Salvation Army donor remembered for legacy of giving to do the most good
Even though Colonel Kyle Smith is now the Chief Secretary for The Salvation Army in Singapore, he still remembers meeting Karin Larson when he first visited her office in West LA years ago, back when he was the General Secretary for Los Angeles.
“I’d never met her before, and I felt right at home,” Smith said, recalling an afternoon spent talking about Larson’s love of music and her experience with a Salvation Army string band when she was growing up in Minnesota.
“She was very positive, optimistic,” he said. “She was excited to talk about what she did.”

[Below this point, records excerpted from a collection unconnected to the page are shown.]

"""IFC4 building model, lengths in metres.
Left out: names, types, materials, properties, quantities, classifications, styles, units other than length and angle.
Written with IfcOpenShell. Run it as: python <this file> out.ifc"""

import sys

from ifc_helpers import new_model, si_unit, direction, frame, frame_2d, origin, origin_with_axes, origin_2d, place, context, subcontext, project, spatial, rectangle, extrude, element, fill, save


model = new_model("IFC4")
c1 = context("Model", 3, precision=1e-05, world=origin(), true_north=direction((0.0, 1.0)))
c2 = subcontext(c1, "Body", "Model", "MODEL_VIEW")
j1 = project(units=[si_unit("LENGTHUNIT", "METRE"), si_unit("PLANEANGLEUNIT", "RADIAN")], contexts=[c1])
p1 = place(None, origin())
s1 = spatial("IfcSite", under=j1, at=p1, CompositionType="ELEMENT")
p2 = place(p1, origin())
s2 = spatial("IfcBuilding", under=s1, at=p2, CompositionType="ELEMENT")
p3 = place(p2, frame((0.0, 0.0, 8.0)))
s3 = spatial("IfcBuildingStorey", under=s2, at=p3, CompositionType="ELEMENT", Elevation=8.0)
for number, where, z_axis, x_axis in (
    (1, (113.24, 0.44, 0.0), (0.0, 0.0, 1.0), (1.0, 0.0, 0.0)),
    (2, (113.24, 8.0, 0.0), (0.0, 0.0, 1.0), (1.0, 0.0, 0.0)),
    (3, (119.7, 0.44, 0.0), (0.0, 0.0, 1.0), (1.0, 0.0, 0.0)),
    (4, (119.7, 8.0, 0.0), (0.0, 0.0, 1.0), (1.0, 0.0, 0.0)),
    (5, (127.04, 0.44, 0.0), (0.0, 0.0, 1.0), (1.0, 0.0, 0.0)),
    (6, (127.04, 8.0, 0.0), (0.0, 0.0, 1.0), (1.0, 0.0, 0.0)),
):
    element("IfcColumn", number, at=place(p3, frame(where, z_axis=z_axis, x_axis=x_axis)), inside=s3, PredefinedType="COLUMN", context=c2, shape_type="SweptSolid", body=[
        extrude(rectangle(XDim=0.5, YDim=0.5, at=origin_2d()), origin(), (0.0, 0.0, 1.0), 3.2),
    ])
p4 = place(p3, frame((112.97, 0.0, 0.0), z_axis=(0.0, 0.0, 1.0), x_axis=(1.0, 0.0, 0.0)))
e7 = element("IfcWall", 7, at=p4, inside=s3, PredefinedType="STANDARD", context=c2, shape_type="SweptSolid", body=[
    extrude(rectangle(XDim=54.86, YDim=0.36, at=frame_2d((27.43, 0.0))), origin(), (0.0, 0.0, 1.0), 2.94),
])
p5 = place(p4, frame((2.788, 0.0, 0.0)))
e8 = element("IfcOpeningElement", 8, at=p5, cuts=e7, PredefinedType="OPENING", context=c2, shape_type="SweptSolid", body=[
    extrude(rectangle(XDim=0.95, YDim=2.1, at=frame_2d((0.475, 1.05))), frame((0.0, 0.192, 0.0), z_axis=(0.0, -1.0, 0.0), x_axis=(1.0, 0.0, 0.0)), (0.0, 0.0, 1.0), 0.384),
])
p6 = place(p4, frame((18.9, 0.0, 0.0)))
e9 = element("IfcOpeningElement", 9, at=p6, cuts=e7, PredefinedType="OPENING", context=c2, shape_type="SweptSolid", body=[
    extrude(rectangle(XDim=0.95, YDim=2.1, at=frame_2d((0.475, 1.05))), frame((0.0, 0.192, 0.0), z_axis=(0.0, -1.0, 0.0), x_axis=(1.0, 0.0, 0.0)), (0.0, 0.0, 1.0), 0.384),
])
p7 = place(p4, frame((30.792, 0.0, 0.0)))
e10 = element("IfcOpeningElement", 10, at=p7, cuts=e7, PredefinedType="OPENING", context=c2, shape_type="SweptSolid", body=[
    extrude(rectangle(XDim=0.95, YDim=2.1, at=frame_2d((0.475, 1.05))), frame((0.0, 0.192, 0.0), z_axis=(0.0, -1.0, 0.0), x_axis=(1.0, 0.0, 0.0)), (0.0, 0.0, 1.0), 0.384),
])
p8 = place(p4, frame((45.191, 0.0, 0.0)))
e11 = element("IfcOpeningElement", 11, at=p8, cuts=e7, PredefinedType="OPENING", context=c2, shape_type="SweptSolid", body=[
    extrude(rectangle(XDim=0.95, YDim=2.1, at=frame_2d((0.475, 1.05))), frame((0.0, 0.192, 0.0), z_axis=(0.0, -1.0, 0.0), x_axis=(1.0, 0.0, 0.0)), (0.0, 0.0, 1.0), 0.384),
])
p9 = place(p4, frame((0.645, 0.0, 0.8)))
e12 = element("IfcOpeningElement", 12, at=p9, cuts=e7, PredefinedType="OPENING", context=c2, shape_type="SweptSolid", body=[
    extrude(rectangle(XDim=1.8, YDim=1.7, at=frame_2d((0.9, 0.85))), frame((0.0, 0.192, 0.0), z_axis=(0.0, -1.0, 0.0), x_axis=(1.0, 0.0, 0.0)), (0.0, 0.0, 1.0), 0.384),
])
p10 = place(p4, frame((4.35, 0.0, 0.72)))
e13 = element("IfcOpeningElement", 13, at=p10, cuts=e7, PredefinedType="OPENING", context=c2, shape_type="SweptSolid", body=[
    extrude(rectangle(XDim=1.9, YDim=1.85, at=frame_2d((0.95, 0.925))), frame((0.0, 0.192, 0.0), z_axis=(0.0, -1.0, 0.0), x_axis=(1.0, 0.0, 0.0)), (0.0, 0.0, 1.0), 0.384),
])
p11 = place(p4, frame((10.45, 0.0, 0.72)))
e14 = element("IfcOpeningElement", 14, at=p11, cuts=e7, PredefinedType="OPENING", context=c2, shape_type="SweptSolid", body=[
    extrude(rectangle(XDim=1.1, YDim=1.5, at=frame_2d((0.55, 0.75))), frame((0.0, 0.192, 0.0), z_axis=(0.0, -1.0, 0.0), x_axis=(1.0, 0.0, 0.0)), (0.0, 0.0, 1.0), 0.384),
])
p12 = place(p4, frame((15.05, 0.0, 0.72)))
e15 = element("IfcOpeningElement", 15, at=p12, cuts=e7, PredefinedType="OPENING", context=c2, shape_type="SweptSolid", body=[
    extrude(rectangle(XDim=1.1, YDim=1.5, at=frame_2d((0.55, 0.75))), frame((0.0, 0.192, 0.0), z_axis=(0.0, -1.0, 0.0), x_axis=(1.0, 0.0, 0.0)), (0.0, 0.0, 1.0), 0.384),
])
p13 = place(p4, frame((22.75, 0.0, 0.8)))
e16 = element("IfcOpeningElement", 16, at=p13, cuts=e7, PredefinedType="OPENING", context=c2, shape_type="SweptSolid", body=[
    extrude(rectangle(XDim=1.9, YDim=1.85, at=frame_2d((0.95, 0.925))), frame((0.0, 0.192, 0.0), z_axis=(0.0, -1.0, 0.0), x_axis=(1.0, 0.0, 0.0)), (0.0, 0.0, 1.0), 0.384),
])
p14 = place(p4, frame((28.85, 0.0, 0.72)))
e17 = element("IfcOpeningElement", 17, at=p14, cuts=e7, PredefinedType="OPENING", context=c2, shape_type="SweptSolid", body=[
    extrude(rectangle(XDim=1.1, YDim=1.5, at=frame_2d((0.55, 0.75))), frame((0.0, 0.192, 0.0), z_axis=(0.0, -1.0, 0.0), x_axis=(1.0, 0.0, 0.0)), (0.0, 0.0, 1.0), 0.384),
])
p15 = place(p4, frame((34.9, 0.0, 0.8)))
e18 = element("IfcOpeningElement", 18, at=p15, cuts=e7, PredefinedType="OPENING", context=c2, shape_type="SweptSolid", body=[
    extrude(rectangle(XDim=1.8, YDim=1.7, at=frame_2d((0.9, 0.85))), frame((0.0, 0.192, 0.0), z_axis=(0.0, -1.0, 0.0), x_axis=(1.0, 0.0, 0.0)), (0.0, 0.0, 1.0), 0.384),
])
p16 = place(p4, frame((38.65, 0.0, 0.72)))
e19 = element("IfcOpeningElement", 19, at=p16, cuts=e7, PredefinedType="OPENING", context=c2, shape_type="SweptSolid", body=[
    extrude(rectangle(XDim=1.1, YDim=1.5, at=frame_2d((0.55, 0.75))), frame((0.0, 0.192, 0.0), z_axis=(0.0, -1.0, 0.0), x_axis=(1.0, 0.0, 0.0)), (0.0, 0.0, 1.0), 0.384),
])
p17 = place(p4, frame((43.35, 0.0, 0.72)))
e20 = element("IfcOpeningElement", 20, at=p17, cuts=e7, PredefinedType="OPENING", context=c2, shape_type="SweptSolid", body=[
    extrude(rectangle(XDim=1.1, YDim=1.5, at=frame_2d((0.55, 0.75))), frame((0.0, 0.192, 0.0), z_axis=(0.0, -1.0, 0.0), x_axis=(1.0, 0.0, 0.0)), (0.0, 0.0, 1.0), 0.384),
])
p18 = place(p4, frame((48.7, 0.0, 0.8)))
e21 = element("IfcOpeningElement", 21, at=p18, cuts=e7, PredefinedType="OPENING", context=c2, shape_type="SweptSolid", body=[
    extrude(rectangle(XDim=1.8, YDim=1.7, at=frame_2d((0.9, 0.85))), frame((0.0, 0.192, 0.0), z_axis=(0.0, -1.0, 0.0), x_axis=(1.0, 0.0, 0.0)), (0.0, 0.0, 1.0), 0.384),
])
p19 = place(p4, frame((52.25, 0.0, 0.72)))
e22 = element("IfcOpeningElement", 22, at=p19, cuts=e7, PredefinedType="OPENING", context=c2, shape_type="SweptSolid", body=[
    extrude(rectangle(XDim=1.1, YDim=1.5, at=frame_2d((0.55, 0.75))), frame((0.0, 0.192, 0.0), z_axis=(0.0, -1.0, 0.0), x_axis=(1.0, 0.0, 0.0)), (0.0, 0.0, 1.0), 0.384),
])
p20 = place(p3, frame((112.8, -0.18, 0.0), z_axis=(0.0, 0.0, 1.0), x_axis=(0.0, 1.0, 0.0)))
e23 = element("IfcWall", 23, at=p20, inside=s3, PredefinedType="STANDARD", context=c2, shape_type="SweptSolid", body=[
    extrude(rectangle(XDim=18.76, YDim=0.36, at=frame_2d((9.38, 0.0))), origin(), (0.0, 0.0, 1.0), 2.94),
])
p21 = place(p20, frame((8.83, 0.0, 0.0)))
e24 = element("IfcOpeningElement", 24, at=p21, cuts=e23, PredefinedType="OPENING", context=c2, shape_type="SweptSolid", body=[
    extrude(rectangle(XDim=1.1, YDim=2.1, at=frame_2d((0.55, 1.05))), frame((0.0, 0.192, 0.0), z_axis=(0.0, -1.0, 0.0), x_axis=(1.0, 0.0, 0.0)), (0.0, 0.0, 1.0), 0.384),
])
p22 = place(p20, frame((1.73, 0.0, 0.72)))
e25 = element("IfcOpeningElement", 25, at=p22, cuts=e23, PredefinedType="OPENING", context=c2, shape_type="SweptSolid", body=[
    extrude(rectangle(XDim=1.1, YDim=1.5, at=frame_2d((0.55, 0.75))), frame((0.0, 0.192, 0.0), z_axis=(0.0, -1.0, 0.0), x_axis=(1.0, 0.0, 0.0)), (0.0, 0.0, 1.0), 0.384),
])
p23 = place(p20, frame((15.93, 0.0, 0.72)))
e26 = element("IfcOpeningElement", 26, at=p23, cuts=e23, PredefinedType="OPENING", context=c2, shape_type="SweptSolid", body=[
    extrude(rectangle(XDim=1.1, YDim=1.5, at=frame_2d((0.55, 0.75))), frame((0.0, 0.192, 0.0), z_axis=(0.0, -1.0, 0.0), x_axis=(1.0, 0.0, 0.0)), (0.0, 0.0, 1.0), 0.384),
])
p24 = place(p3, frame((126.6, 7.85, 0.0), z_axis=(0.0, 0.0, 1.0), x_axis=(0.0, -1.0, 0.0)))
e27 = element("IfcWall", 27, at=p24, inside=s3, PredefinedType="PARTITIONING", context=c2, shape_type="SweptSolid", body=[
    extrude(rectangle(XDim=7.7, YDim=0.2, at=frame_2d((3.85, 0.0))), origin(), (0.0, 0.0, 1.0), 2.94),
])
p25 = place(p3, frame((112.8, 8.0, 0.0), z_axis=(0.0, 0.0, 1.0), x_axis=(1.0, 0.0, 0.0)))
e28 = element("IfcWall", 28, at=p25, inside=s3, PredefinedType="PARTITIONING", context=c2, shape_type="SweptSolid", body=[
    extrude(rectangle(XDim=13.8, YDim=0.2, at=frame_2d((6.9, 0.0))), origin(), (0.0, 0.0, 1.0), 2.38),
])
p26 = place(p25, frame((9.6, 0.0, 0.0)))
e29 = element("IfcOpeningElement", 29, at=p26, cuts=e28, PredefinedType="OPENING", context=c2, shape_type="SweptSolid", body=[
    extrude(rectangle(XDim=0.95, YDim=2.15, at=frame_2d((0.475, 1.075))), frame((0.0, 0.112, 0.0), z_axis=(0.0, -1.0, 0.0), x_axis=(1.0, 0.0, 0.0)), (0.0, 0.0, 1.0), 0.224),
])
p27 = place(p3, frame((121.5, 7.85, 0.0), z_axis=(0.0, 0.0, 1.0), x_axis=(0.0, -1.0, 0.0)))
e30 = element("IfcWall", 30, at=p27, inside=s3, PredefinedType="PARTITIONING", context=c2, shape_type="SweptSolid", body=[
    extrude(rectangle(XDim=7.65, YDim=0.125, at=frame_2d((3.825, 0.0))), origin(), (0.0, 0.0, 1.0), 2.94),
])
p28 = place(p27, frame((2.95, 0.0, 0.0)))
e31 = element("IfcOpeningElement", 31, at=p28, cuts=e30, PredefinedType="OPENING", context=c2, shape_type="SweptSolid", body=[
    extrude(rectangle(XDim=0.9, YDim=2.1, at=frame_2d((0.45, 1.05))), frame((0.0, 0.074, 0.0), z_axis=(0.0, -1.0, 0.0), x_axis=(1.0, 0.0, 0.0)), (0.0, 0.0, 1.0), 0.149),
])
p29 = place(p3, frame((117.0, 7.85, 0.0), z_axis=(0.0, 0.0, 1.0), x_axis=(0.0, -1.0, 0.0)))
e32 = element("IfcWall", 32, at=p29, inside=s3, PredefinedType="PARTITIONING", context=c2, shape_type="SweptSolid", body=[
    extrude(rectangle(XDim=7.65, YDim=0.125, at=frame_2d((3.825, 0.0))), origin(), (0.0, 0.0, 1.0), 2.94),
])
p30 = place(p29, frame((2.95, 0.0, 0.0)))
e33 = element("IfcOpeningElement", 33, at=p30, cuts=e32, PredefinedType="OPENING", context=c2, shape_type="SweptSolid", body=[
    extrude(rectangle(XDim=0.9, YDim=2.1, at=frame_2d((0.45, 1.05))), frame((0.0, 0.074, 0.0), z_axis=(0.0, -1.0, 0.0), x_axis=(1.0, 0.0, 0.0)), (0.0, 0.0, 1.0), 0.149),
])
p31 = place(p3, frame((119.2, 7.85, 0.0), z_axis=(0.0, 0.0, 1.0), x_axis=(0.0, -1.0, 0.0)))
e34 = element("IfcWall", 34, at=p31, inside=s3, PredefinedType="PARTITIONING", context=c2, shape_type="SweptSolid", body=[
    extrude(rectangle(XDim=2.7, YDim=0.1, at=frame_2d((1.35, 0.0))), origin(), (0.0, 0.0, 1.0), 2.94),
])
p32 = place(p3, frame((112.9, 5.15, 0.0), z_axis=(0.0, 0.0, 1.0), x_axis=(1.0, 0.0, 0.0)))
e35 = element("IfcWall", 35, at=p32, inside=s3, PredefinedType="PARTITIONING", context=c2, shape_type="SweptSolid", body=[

Throughout her life, Larson was a faithful donor to The Salvation Army in addition to a number of other causes. Upon her death in 2021, her generosity was demonstrated once again through a significant legacy gift to The Salvation Army.
Southern California Director of Donor Relations MaBel Turner will never forget the moment she opened the envelope at a lunch with Larson’s financial advisor. Turner said she had been told the advisor had good news for her, but she said the gift blew her away.
“We both teared up because we knew her. We knew her personality,” Turner said. “It was just a surreal moment.”
Turner first met Larson when she began working for The Salvation Army in 2013 and inherited another director’s caseload of donors. She learned of Larson’s career success at Capital Group, where she worked her way up from a secretary position to become an analyst, portfolio manager and the first female research director there.
Turner said she’d regularly visit Larson, and they’d go on tours of various Salvation Army programs throughout the Los Angeles area.
Over the years, the relationship deepened, and Turner recalls Larson regularly giving to support programs, including The Way In, a program in Hollywood The Salvation Army runs to help youth experiencing homelessness escape street life.
A gift by Larson funded renovations to the Oxford Apartments at The Way In, which allow youth ages 18-21 to experience independent living while still receiving case management.
“She was a very, humble person,” Turner said. “Recognition was not her thing.”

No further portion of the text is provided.